- Born: September 6, 1959 (age 66)
- Occupation: businessman
- Known for: Co-owner of Cactus Cantina and Lauriol Plaza
- Spouse: Lorena Ruano ​(m. 1992)​
- Children: 2, Claudia-Isabella and Daniella-Fernanda

= Luis Reyes (businessman) =

American businessman (born 1959)

Luis Alonso Reyes (born September 6, 1959) is a U.S. businessman from El Salvador. He co-owns the restaurants Cactus Cantina and Lauriol Plaza, both in Washington, D.C. Reyes immigrated to The United States in 1977. Reyes has worked on multiple presidential races for the Farabundo Martí National Liberation Front (FMLN) in his native country of El Salvador.

== Early life ==
Reyes grew up in San Miguel, El Salvador, in a house without indoor plumbing or running water. Reyes left El Salvador in 1977 with only $150. Although he paid $450 to a coyote to smuggle him into the United States, the coyote abandoned Reyes and 54 others in the desert outside Piedras Negras, Mexico, near the Texas border. Without food or shelter for a total of five days, Reyes decided with four others to continue on into the United States.

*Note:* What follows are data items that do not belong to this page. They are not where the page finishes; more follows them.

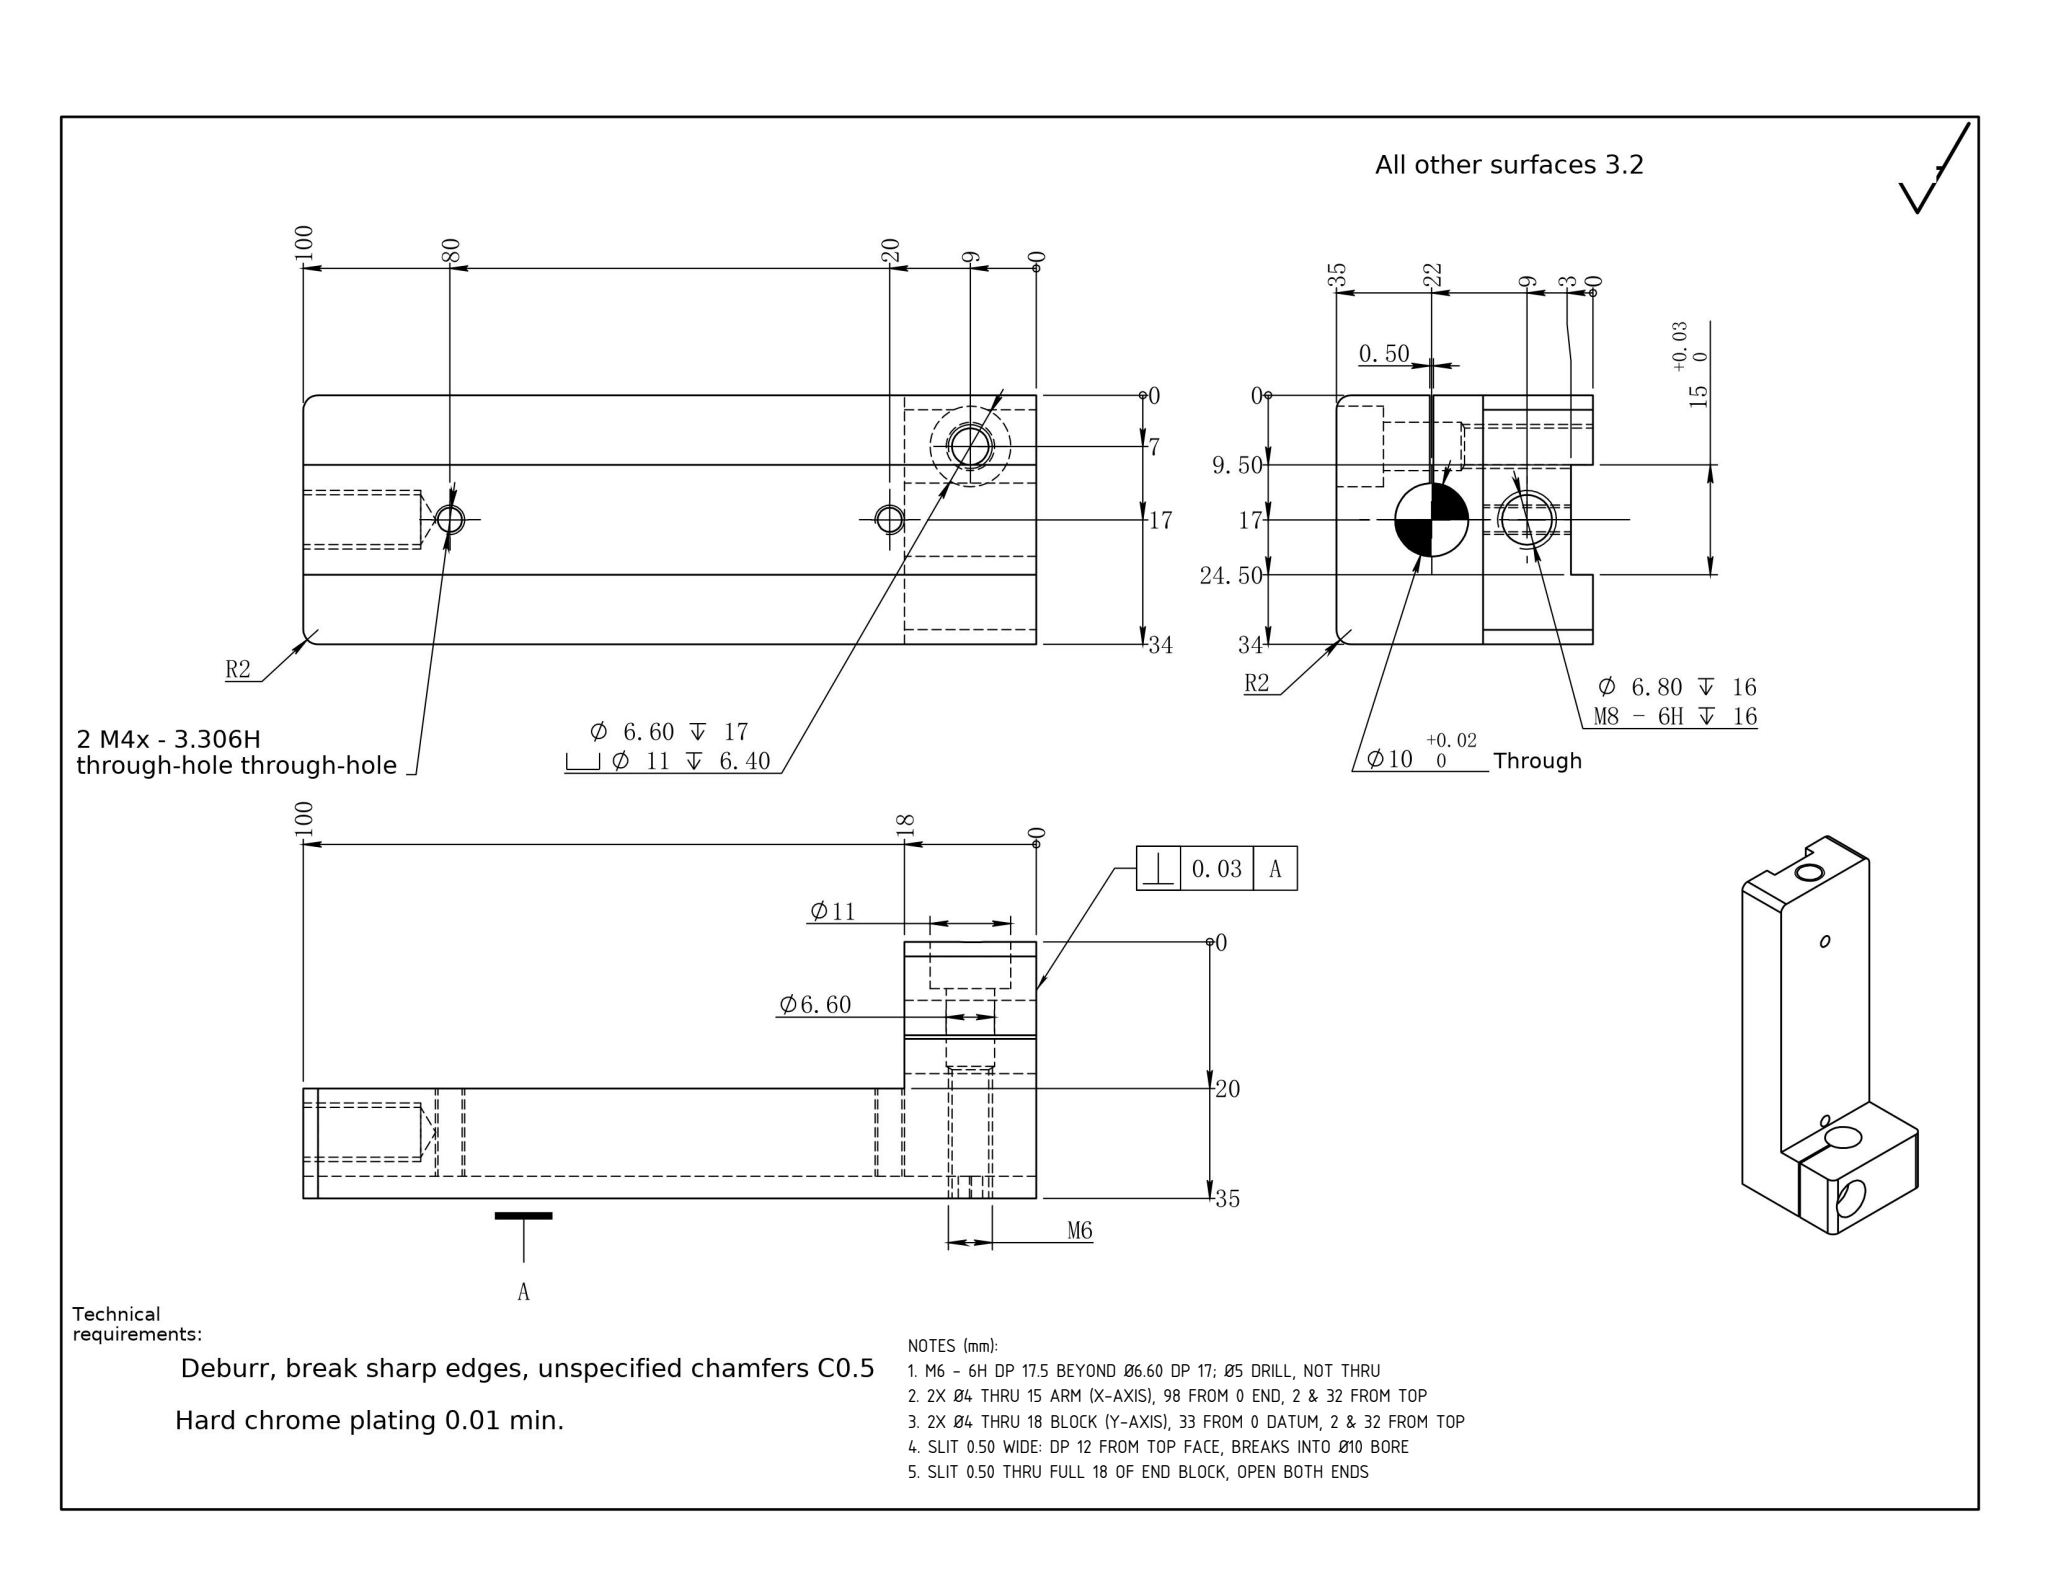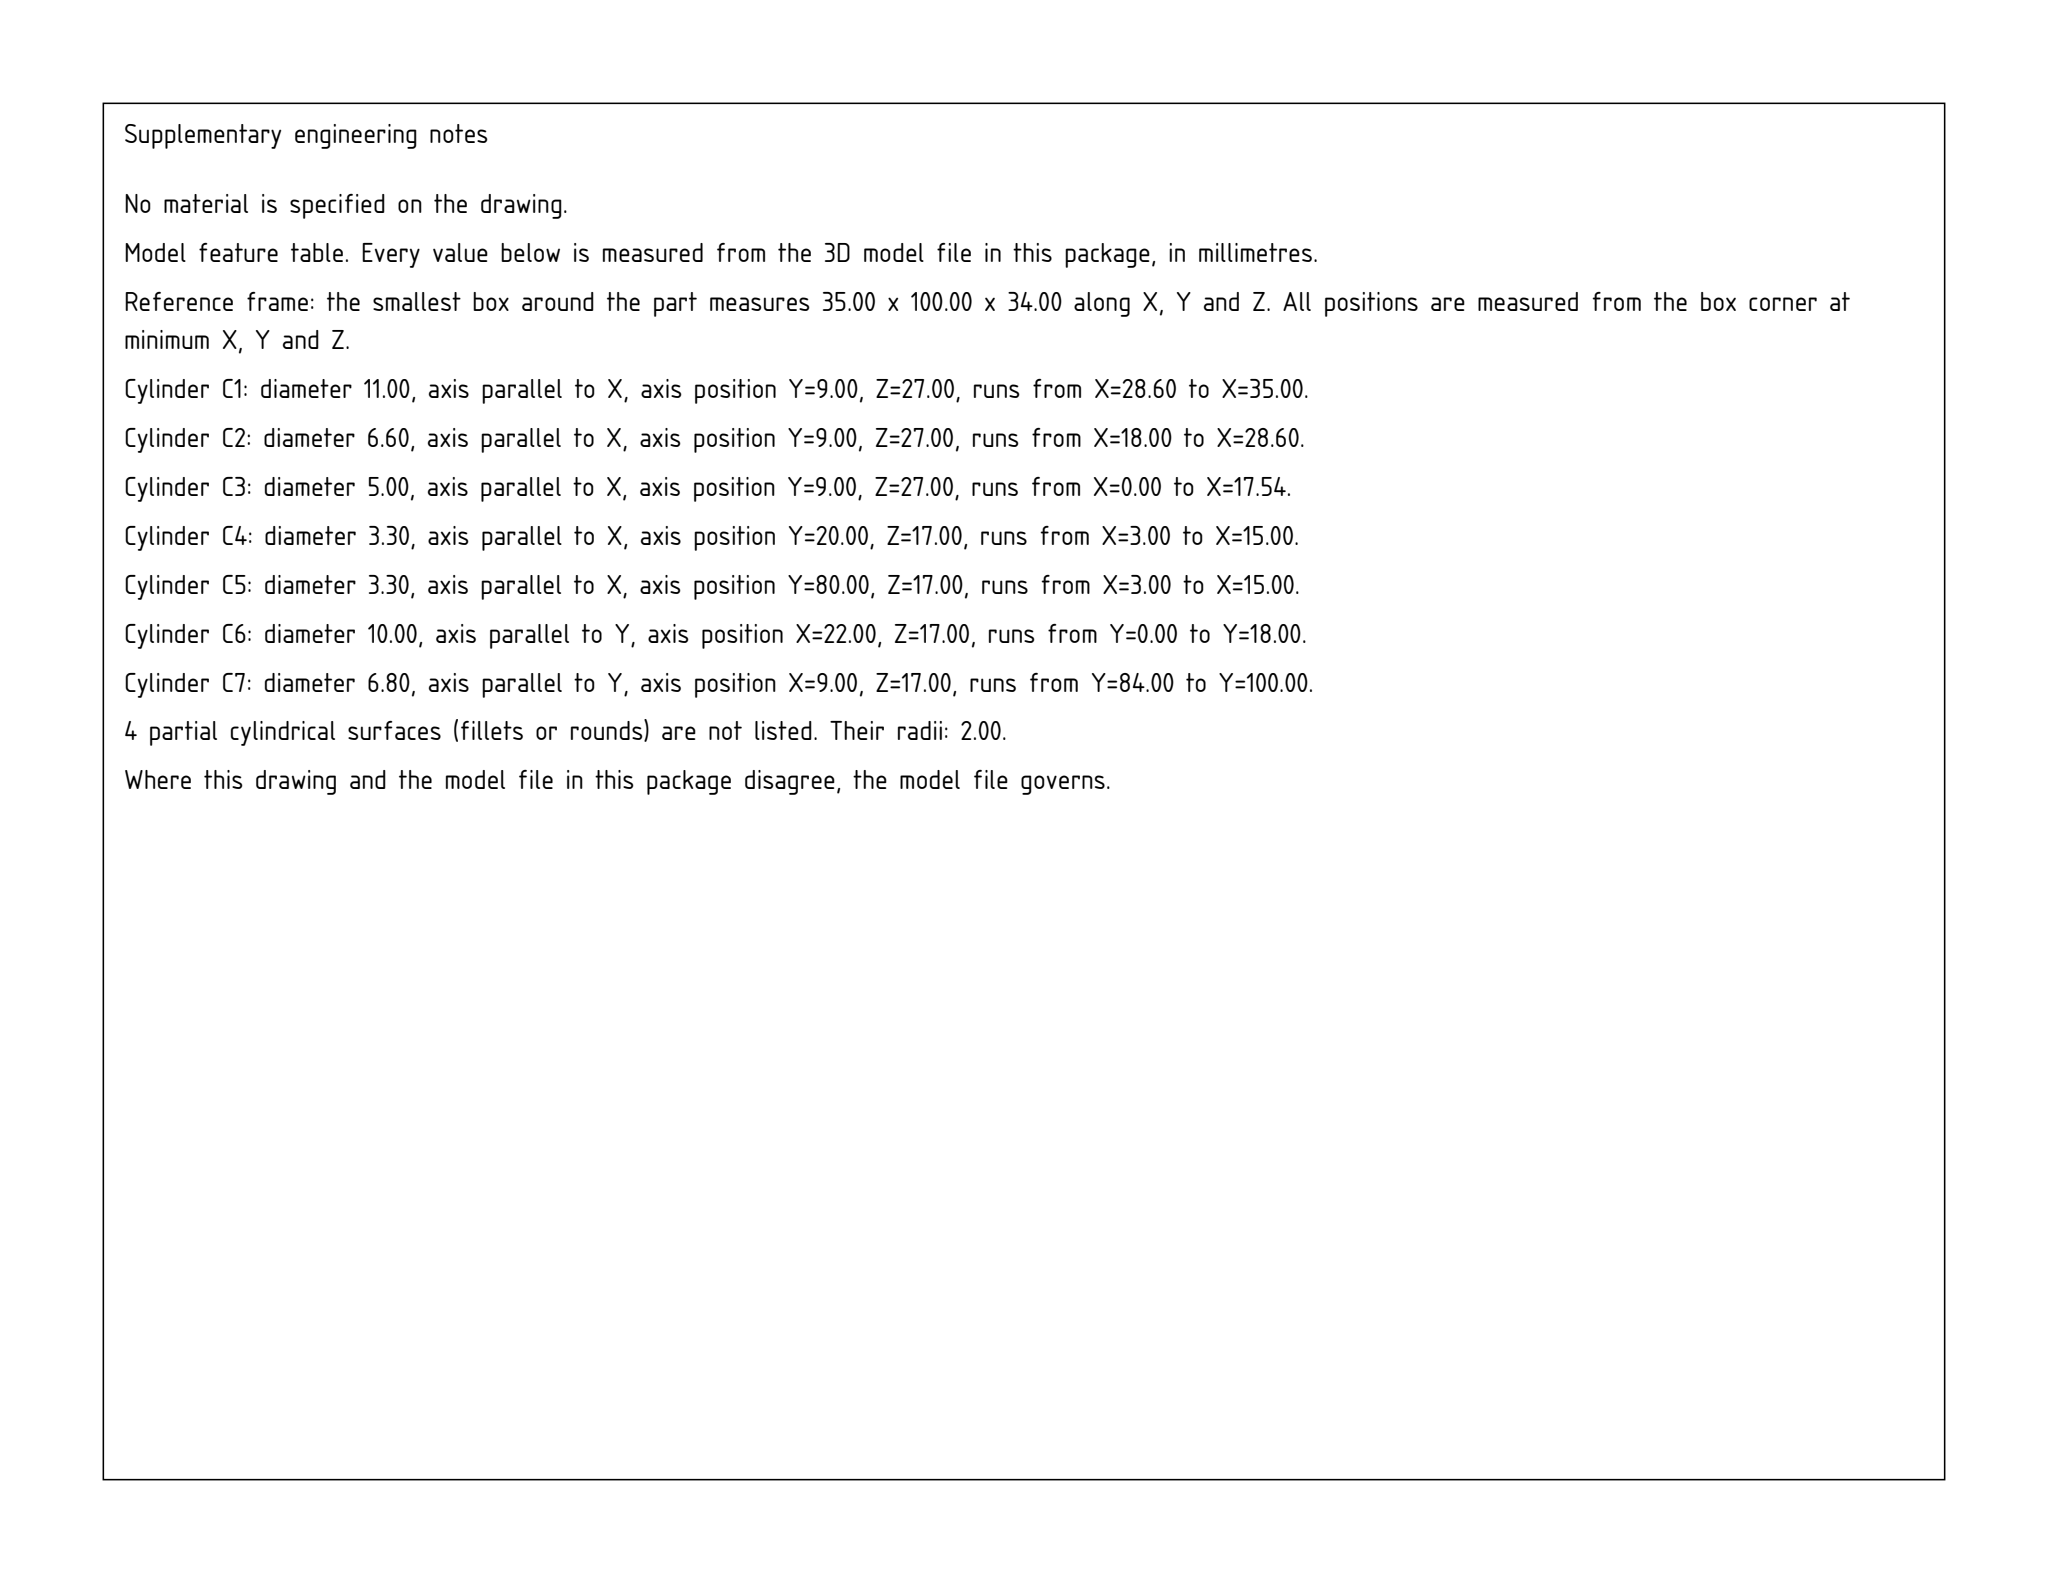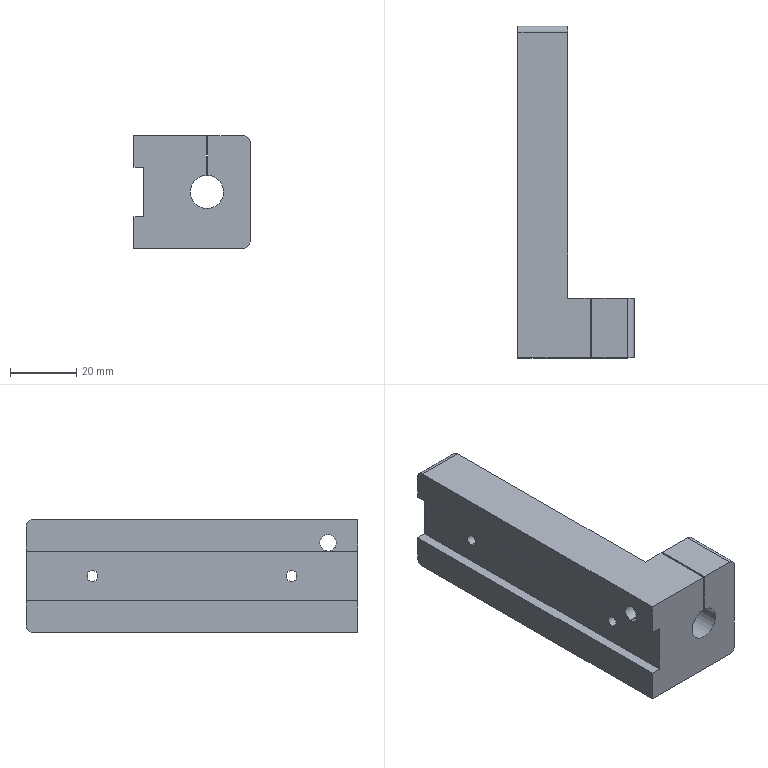Part | SolidWorks | mm | 1 solid | 42 faces | box 35 x 100 x 34 mm | volume 55040 mm3 | cylinder 21 | plane 17 | cone 4 | commonest cylinder face diameters 3.3 x4 6.6 x4 4 x4 10 x3 6.8 x2 11 x2 5 x2
Drawing notes:
M6 - 6H DP 17.5 BEYOND Ø6.60 DP 17; Ø5 DRILL, NOT THRU | from the solid: Ø5.0 cyl, axis x, at y=9.0 z=27.0, length 17.54, spanning x=0.46 to x=18.0; coaxial with Ø6.60 (x=18..28.6) and Ø11 ↧6.4 (x=28.6..35) entering the x=35 face
2X Ø4 THRU 15 ARM (X-AXIS), 98 FROM 0 END, 2 & 32 FROM TOP | from the solid: cylinders [4.0,"x",[null,98.0,2.0],15.0] and [4.0,"x",[null,98.0,32.0],15.0]; bbox Y=100, Z=34
2X Ø4 THRU 18 BLOCK (Y-AXIS), 33 FROM 0 DATUM, 2 & 32 FROM TOP | from the solid: cylinders [4.0,"y",[33.0,null,2.0],18.0] and [4.0,"y",[33.0,null,32.0],18.0]; bbox X=35, Z=34
SLIT 0.50 WIDE: DP 12 FROM TOP FACE, BREAKS INTO Ø10 BORE | from the solid: Slit faces x=21.75/22.25 open at z=34 plane (split into 2 faces); bottom ends on Ø10 bore, axis z=17, so depth = 17-5 = 12 from top face
SLIT 0.50 THRU FULL 18 OF END BLOCK, OPEN BOTH ENDS | from the solid: Slit runs y=0 to y=18 between block faces y=0 and y=18; Ø10 bore y-length 18 split into 3 faces by slit

Reyes worked in California picking tomatoes in the fields for about a year until he made enough money to meet a friend in Washington DC.

He arrived in Washington DC on New Year's Day, 1978. He moved into a studio apartment with nine roommates. Reyes worked as a dish washer at a steak house.

== Personal life ==
Reyes became a US Citizen in 1986 after his employer-sponsored him for residency. In 1992 Reyes married Lorena Ruano; they have two daughters.

== Business Ventures ==
After years of living in the United States illegally, his employer sponsored Reyes for residency. By 1983 he had saved a total of $20,000 which he used to co-found Lauriol Plaza. After becoming a US Citizen in 1986, he and his business partner opened Cactus Cantina.